Jul 20 12:31pm – Zak and I went to the support group at 12:30pm. I was interested in the people and their stories. The social services people had been so kind to us, too, and they had invited us to the group a number of times so I wanted to make them happy. Besides, it would be a break.
Nick, Laurie, and Bean went for some lunch in the WHC cafeteria. Another way for all of us to spend an hour or two…waiting.
The group meeting wasn’t quite what we had expected. A guest speaker had come who talked about biases and discrimination in the workplace against those recently released from hospital or those with VADs. Good info but I wasn’t quite in tune. And, quite honestly, some of the former patients seemed almost – I don’t know – angry about things. One didn’t like the cost of his meds, a lady felt she had lost a promotion due to her time away from work, and another simply said he was always tired. I don’t think these three were bitter but I do think they definitely were struggling with life issues in spite of having had a transplanted heart or VAD.

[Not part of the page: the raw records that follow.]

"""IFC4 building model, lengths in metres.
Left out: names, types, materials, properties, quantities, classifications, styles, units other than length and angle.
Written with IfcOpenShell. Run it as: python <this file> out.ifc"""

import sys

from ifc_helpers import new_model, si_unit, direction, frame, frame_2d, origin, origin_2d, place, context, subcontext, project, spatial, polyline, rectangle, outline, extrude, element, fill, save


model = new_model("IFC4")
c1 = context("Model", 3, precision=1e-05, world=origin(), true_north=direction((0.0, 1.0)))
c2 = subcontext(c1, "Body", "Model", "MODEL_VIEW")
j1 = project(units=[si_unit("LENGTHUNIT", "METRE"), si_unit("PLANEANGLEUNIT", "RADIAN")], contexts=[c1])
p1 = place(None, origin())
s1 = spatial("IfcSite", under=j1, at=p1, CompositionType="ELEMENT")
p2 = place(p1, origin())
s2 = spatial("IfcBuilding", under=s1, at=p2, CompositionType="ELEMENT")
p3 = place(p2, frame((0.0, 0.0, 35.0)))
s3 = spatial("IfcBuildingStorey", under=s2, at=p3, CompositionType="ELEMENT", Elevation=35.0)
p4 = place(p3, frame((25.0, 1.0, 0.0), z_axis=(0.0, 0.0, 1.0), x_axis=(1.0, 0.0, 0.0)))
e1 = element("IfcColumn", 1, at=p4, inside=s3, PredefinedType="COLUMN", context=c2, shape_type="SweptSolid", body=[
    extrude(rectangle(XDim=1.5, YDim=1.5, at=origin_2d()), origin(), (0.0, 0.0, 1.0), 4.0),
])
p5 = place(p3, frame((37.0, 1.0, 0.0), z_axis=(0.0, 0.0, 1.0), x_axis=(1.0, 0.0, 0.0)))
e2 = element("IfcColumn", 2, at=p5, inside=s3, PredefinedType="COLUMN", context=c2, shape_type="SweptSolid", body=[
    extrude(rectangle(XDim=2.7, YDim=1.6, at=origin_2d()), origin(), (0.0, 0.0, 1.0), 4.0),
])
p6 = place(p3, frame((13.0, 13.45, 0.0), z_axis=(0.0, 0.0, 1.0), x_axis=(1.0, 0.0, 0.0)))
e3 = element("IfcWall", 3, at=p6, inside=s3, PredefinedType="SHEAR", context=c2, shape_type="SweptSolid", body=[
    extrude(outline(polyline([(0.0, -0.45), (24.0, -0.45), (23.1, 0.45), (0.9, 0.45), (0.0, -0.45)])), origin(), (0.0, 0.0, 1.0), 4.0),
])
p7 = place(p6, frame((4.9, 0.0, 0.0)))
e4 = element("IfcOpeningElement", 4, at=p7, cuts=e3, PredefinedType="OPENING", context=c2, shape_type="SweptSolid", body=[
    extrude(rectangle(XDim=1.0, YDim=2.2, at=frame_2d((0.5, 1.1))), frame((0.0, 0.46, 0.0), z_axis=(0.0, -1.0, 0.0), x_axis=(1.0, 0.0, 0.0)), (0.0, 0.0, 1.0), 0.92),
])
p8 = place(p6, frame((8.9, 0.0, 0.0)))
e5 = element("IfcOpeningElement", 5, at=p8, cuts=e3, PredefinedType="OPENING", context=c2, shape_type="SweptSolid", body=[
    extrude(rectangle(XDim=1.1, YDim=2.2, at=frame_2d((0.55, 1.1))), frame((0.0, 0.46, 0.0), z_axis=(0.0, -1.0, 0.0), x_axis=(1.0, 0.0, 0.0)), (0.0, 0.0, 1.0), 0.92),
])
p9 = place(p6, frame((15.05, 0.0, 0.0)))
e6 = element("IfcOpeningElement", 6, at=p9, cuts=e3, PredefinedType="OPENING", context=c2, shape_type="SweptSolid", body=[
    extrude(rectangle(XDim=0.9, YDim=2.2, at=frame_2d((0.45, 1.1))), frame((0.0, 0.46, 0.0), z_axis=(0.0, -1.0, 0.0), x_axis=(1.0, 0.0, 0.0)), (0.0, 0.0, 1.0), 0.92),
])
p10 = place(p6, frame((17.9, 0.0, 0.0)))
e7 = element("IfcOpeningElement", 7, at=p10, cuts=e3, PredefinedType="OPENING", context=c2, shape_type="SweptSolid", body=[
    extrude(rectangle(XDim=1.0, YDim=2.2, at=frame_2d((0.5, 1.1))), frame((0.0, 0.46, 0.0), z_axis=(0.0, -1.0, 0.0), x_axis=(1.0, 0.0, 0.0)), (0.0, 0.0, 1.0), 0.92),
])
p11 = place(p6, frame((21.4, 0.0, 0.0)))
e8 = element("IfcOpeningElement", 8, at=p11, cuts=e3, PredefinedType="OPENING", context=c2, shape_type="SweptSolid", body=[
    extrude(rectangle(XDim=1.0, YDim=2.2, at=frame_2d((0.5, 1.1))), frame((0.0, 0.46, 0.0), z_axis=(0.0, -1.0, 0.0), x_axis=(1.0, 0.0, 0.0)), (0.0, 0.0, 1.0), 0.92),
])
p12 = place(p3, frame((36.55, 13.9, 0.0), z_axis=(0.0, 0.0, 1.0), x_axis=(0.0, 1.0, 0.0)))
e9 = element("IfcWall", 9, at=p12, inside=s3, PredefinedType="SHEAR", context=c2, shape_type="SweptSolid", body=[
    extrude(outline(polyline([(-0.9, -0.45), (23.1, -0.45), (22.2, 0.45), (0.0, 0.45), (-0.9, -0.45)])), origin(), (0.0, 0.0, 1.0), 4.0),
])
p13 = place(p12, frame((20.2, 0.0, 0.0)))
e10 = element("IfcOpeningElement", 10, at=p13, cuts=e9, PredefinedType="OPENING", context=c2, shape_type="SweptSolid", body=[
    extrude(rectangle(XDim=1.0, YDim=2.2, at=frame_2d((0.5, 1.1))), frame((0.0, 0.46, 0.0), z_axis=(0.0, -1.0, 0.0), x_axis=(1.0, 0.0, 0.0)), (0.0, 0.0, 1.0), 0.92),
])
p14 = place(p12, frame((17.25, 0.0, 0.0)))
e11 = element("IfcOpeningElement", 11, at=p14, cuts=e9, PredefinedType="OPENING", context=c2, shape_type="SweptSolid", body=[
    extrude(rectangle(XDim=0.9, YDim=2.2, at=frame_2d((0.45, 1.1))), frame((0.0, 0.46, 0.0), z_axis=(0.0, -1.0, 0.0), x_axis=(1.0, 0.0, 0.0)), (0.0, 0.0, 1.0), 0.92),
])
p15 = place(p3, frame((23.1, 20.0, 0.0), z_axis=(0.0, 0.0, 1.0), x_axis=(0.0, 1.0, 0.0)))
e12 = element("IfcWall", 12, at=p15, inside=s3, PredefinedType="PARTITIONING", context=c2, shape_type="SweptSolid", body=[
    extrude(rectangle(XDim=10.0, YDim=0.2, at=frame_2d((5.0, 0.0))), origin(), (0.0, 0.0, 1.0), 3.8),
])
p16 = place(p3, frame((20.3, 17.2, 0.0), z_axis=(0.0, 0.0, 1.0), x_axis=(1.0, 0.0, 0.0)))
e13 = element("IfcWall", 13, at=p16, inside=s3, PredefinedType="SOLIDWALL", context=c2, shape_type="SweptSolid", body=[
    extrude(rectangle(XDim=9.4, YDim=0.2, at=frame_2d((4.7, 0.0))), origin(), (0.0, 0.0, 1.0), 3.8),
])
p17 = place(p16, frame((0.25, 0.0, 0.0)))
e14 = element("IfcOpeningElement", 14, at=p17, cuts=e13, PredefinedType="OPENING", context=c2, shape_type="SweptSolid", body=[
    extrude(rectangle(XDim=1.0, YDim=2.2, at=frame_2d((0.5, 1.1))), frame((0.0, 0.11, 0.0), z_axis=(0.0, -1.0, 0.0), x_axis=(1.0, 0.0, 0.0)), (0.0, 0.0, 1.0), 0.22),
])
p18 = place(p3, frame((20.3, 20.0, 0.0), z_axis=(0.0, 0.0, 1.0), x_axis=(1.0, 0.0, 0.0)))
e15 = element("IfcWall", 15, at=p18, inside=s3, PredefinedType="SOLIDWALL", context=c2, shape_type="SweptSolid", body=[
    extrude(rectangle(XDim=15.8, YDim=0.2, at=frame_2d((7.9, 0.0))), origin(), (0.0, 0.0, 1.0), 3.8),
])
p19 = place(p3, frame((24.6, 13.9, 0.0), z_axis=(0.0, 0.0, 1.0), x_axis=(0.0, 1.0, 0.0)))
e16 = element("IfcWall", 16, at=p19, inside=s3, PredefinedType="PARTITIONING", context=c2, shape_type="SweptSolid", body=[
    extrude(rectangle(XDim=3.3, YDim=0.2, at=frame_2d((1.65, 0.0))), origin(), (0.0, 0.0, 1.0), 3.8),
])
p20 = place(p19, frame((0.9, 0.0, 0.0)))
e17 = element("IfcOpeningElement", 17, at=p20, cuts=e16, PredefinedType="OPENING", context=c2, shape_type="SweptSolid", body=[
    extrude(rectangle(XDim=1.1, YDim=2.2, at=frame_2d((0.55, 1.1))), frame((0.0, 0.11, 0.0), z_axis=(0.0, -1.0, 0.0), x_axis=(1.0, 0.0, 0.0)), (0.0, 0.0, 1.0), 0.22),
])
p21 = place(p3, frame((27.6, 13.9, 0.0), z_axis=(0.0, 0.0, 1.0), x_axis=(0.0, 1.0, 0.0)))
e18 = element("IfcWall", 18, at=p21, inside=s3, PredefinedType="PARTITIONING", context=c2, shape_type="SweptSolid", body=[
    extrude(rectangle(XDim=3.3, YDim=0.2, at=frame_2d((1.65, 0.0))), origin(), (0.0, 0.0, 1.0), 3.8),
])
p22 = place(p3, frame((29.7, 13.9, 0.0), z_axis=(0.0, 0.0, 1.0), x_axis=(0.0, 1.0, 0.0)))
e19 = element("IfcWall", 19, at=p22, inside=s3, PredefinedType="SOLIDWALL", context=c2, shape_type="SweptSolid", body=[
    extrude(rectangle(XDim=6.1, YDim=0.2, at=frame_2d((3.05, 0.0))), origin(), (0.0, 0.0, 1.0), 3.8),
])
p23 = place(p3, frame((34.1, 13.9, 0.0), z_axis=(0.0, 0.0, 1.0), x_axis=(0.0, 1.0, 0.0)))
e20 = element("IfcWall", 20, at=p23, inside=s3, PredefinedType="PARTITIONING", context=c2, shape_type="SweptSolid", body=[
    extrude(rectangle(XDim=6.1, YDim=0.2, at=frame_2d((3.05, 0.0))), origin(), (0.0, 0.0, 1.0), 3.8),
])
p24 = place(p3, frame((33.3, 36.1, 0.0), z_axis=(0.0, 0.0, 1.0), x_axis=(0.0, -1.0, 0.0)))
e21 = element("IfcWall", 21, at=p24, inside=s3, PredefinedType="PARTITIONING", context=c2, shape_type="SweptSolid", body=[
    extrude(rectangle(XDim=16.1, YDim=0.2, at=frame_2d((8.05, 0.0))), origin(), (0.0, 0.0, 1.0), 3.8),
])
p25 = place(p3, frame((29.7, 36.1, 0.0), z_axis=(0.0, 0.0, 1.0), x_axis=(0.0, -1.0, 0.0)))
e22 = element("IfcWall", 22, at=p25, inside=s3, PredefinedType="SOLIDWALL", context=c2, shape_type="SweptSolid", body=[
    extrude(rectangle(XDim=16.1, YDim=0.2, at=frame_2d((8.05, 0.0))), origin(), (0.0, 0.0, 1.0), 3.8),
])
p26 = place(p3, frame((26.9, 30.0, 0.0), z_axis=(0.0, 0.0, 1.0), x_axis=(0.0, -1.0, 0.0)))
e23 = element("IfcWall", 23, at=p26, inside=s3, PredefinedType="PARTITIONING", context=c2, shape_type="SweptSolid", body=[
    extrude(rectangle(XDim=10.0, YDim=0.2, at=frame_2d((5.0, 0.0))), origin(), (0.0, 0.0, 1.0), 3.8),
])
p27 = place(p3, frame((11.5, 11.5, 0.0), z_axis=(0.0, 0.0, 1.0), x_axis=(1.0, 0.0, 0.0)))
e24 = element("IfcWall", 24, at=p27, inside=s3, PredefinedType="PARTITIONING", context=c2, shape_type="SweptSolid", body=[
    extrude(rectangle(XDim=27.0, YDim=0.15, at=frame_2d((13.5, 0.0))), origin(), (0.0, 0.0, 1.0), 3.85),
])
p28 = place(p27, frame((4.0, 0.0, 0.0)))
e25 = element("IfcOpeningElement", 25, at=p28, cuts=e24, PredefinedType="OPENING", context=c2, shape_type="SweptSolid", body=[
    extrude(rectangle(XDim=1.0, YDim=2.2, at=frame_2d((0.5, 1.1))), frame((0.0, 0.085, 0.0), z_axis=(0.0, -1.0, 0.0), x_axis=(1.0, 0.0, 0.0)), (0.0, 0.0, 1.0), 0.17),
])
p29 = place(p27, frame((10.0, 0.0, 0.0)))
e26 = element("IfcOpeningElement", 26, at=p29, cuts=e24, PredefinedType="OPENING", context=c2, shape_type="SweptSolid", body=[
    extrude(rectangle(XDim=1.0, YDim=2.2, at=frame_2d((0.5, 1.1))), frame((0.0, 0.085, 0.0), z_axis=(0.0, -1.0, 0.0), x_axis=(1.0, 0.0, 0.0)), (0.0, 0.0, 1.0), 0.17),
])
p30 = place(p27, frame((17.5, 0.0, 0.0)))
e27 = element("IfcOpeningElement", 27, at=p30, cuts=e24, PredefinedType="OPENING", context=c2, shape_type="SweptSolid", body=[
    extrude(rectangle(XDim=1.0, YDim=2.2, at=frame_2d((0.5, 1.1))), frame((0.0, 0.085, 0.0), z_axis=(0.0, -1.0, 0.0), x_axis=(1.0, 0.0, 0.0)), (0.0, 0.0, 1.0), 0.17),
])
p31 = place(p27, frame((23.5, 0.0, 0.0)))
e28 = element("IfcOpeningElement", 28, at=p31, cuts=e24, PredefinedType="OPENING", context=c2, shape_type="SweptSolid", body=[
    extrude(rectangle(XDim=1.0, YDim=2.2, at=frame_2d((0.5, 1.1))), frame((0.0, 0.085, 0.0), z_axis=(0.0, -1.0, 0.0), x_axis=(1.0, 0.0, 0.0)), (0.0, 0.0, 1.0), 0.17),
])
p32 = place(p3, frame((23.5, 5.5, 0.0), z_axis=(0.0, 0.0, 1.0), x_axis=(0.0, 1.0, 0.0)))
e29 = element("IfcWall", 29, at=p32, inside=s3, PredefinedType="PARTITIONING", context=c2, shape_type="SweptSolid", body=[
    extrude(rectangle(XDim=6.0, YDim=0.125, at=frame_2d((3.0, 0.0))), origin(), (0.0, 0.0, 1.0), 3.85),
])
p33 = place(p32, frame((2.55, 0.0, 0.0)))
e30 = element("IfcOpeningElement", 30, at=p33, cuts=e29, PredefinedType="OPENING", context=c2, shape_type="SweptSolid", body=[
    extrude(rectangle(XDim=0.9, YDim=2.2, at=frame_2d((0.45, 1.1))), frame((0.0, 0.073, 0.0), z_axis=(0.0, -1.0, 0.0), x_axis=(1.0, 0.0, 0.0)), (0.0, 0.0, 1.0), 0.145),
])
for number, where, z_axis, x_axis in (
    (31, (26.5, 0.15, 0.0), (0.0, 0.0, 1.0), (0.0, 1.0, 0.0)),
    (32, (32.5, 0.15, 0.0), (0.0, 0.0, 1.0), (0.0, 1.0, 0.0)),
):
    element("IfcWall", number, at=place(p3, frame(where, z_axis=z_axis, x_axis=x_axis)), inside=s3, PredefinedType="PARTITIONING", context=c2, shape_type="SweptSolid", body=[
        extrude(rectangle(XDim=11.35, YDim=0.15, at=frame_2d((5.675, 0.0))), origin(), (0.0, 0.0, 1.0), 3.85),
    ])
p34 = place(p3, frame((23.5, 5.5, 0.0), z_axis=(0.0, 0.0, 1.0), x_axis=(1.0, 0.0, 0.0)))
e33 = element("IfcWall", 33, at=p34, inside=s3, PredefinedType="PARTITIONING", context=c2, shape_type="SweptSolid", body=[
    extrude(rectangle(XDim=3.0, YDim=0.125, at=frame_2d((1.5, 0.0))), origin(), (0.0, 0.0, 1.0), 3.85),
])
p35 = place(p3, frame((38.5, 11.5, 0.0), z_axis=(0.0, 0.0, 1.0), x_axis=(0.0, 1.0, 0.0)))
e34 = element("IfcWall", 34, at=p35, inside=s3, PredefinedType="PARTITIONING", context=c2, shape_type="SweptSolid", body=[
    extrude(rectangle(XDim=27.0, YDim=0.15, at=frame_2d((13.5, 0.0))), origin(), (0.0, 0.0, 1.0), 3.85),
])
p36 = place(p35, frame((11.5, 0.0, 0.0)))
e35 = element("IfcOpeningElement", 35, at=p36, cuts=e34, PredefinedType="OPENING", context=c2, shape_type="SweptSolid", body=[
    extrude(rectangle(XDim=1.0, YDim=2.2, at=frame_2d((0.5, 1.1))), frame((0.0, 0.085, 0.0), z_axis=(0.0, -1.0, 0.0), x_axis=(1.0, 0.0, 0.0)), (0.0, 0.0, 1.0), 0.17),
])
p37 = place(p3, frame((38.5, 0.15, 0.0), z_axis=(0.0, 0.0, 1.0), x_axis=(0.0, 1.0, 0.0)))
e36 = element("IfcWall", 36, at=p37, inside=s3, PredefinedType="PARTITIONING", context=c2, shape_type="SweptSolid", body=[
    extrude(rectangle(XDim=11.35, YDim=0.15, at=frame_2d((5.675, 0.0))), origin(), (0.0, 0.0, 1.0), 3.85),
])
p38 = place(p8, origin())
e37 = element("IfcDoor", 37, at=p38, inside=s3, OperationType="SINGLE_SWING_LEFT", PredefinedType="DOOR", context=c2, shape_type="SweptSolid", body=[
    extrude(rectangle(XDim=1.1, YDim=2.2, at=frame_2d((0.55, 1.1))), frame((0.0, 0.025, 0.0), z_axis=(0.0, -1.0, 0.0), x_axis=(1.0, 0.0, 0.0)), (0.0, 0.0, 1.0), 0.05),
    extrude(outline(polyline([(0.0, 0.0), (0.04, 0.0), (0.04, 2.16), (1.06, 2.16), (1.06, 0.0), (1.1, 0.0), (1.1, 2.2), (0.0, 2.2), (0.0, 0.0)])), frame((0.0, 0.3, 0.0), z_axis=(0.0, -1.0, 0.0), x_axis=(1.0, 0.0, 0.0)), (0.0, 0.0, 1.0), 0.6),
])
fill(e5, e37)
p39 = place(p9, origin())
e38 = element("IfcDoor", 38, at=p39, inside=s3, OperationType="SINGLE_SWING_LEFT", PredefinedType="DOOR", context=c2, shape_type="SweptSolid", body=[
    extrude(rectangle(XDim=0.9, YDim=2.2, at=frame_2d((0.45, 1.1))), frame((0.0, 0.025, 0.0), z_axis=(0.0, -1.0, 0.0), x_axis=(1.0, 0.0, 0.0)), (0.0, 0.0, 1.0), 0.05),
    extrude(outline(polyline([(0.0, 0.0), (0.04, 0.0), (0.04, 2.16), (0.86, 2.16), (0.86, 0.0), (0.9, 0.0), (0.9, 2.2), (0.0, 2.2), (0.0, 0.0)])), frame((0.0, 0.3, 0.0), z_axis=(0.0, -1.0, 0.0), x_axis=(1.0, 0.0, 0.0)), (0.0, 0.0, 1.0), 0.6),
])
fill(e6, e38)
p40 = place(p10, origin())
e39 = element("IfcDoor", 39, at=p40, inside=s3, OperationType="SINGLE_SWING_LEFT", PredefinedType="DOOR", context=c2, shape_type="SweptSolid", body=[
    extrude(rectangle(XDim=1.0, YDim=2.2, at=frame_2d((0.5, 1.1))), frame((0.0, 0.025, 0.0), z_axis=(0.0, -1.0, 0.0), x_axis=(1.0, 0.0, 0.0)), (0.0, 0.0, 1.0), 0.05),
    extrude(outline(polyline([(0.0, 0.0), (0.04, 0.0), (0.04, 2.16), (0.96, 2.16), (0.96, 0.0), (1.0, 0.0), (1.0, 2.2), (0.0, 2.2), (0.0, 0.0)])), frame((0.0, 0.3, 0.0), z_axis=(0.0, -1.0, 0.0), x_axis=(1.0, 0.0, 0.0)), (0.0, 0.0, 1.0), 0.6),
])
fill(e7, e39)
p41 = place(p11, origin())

I haven’t thought about it much since but I hope these people are doing better now – they seemed disconcerted and unsure. It was, for me, a slightly uncomfortable and maybe even a troubling meeting. Some of the attendees simply sat in silence. Others listened but didn’t share too much – I think they were also somewhat disconnected from the topic of the day. A few of the caregivers voiced the challenges that they had had to overcome in behalf of their patients. And on top of all of this, a reminder from the facilitator that discrimination in the workplace was illegal, etc., etc., etc. I actually wanted to hear some positive and encouraging words about life going on in good ways. It wasn’t to be, unfortunately. Or maybe it was just me being in the state that I was in.
It was surreal. I was tired. My heart and soul needed feeding. I was concerned about what was happening down in CVRR.